Thank you. The 60P2 tank is where I will create the tree on the hill look with probably some HC, UG, dwark ricia or glosso as the ground cover. I haven't decided if I want subwassertang, fissidens fontanus, christmas moss or A. petite to form the leaves yet. Soon.


----------



## oldbonehead (Jul 18, 2011)

speedie408 said:


> NICE WOOD bro!


Thanks. This new arrangement gives it a bit more of the bristlecone look and I like it a lot. Just need to finalize a few things before I begin with the actual planting. I am considering picking up an Eheim 2234 and an Archaea 24" light.


----------



## madness (Jul 31, 2011)

oldbonehead said:


> Thanks. This new arrangement gives it a bit more of the bristlecone look and I like it a lot. Just need to finalize a few things before I begin with the actual planting. I am considering picking up an Eheim 2234 and an Archaea 24" light.


Hey would you mind if I used one of the pics of the tree on a hill driftwood when trying to describe what I am eventually looking for when trying to purchase a piece in the future? A lot easier to show a pic of the style than to explain it.


----------



## oldbonehead (Jul 18, 2011)

Sure, madness. Thanks for asking first.


----------



## oldbonehead (Jul 18, 2011)

*Updates for 9/15*

I added a tree looking manzie to 60P2 and moved the original driftwod more to the left and shifted the ohko stone to form a barrier between the two. I also trimmed about 1/2" of the original driftwood on the bottom to lower its height slightly.


























































I can't decide between Glosso or HC for this tank although I am leaning towards Glosso at the moment. I will then spot plant some Blyxa japonica and S. repens to vary the ground cover. To form the leaves, I will probably use Fissidens Fontanus on the driftwood and Subwassertang on the manzie with moss on its trunk.

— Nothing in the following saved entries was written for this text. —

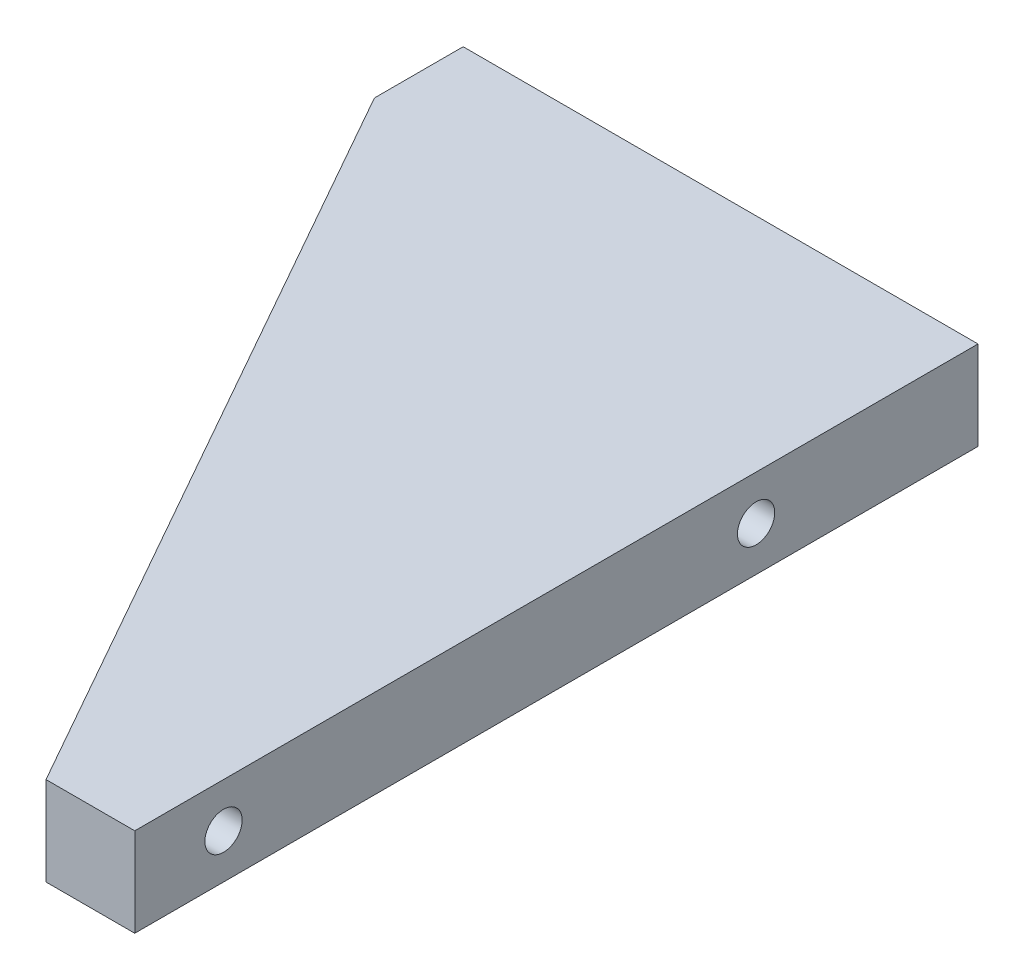
from build123d import *

# Parameters (mm, degrees)
SKETCH_1_W             = 58
SKETCH_1_H             = 95
EXTRUDE_1_DEPTH        = 5
CUT_EXTRUDE_1_DEPTH    = 10
HOLE_WIZARD_M5_1_D     = 4.2
HOLE_WIZARD_M5_1_DEPTH = 12.4
HOLE_WIZARD_M5_1_TIP   = 1.2618073
HOLE_WIZARD_M5_2_D     = 4.2
HOLE_WIZARD_M5_2_DEPTH = 12.4
HOLE_WIZARD_M5_2_TIP   = 1.2618073


with BuildPart() as part:
    # 草图1 → 凸台-拉伸1 (new, symmetric)
    with BuildSketch(Plane(origin=(0, 0, 0), x_dir=(1, 0, 0), z_dir=(0, 1, 0))):
        Rectangle(SKETCH_1_W, SKETCH_1_H)
    extrude(amount=EXTRUDE_1_DEPTH, both=True)

    # 草图2 → 切除-拉伸1 (cut)
    with BuildSketch(Plane(origin=(0, 5, 0), x_dir=(1, 0, 0), z_dir=(0, 1, 0))):
        Polygon((19, -47.5), (-29, 37.5), (-29, -47.5), align=None)
    extrude(amount=-CUT_EXTRUDE_1_DEPTH, mode=Mode.SUBTRACT)

    # M5 螺纹孔1
    with Locations(Plane(origin=(29, 0, 0), x_dir=(0, 0, -1), z_dir=(1, 0, 0))):
        with Locations((-37.5, 0), (22.5, 0)):
            Hole(HOLE_WIZARD_M5_1_D / 2, depth=HOLE_WIZARD_M5_1_DEPTH)
            with Locations((0, 0, -(HOLE_WIZARD_M5_1_DEPTH + HOLE_WIZARD_M5_1_TIP / 2))):  # 118° drill point
                Cone(0, HOLE_WIZARD_M5_1_D / 2, HOLE_WIZARD_M5_1_TIP, mode=Mode.SUBTRACT)

    # M5 螺纹孔2
    with Locations(Plane(origin=(0, 0, -47.5), x_dir=(-1, 0, 0), z_dir=(0, 0, -1))):
        with Locations((19, 0), (-21, 0)):
            Hole(HOLE_WIZARD_M5_2_D / 2, depth=HOLE_WIZARD_M5_2_DEPTH)
            with Locations((0, 0, -(HOLE_WIZARD_M5_2_DEPTH + HOLE_WIZARD_M5_2_TIP / 2))):  # 118° drill point
                Cone(0, HOLE_WIZARD_M5_2_D / 2, HOLE_WIZARD_M5_2_TIP, mode=Mode.SUBTRACT)


solid = part.part

Still looking for a few plants but did some orders just this week. Once I finalize the layout, I will then fill in the top inch with AS II Powder and push back the AS Normal in the front of the tank to fill that in with the Powder also.

Stay tune. Planting will start real soon.


----------



## oldbonehead (Jul 18, 2011)

Can anybody recommend a LED lighting solution for the 60P's? I am considering going with the Archaea 24" T5 HO but the reality of having to replace the bulbs every year is not getting me too thrilled. And if I buy a second Achaea lighting unit for my second 60P then now I will be replacing four bulbs annually. Sucks. I would prefer a LED solution but I don't want to pay a lot of money for it.

So here are my conditions for considering the LED lighting:
-it must be elegant since the placement of the tank might get located in a prominent location for guests to see
-I like for it to cost around the same price as the Archaea T5 HO (~$149)
-You have own the same device and are happy with it
-it must provide the equivalent ~2 WPG

Hopefully this is not too demanding of conditions and a viable solution is available? I'm not much into DIY so that is out of the question. Thanks for any help or suggestions.


----------



## 2in10 (Feb 8, 2011)

oldbonehead said:


> Can anybody recommend a LED lighting solution for the 60P's? I am considering going with the Archaea 24" T5 HO but the reality of having to replace the bulbs every year is not getting me too thrilled. And if I buy a second Achaea lighting unit for my second 60P then now I will be replacing four bulbs annually. Sucks. I would prefer a LED solution but I don't want to pay a lot of money for it.
> 
> So here are my conditions for considering the LED lighting:
> -it must be elegant since the placement of the tank might get located in a prominent location for guests to see
> ...


You don't need 2WPG with T5HO or LED.


From what I have seen on LED pricing there is nothing available that produces good enough light for plants at the price you want. Nice hard scape.


----------



## oldbonehead (Jul 18, 2011)

Thanks, 2in10 but what do you mean by "You don't need 2WPG with T5HO or LED"?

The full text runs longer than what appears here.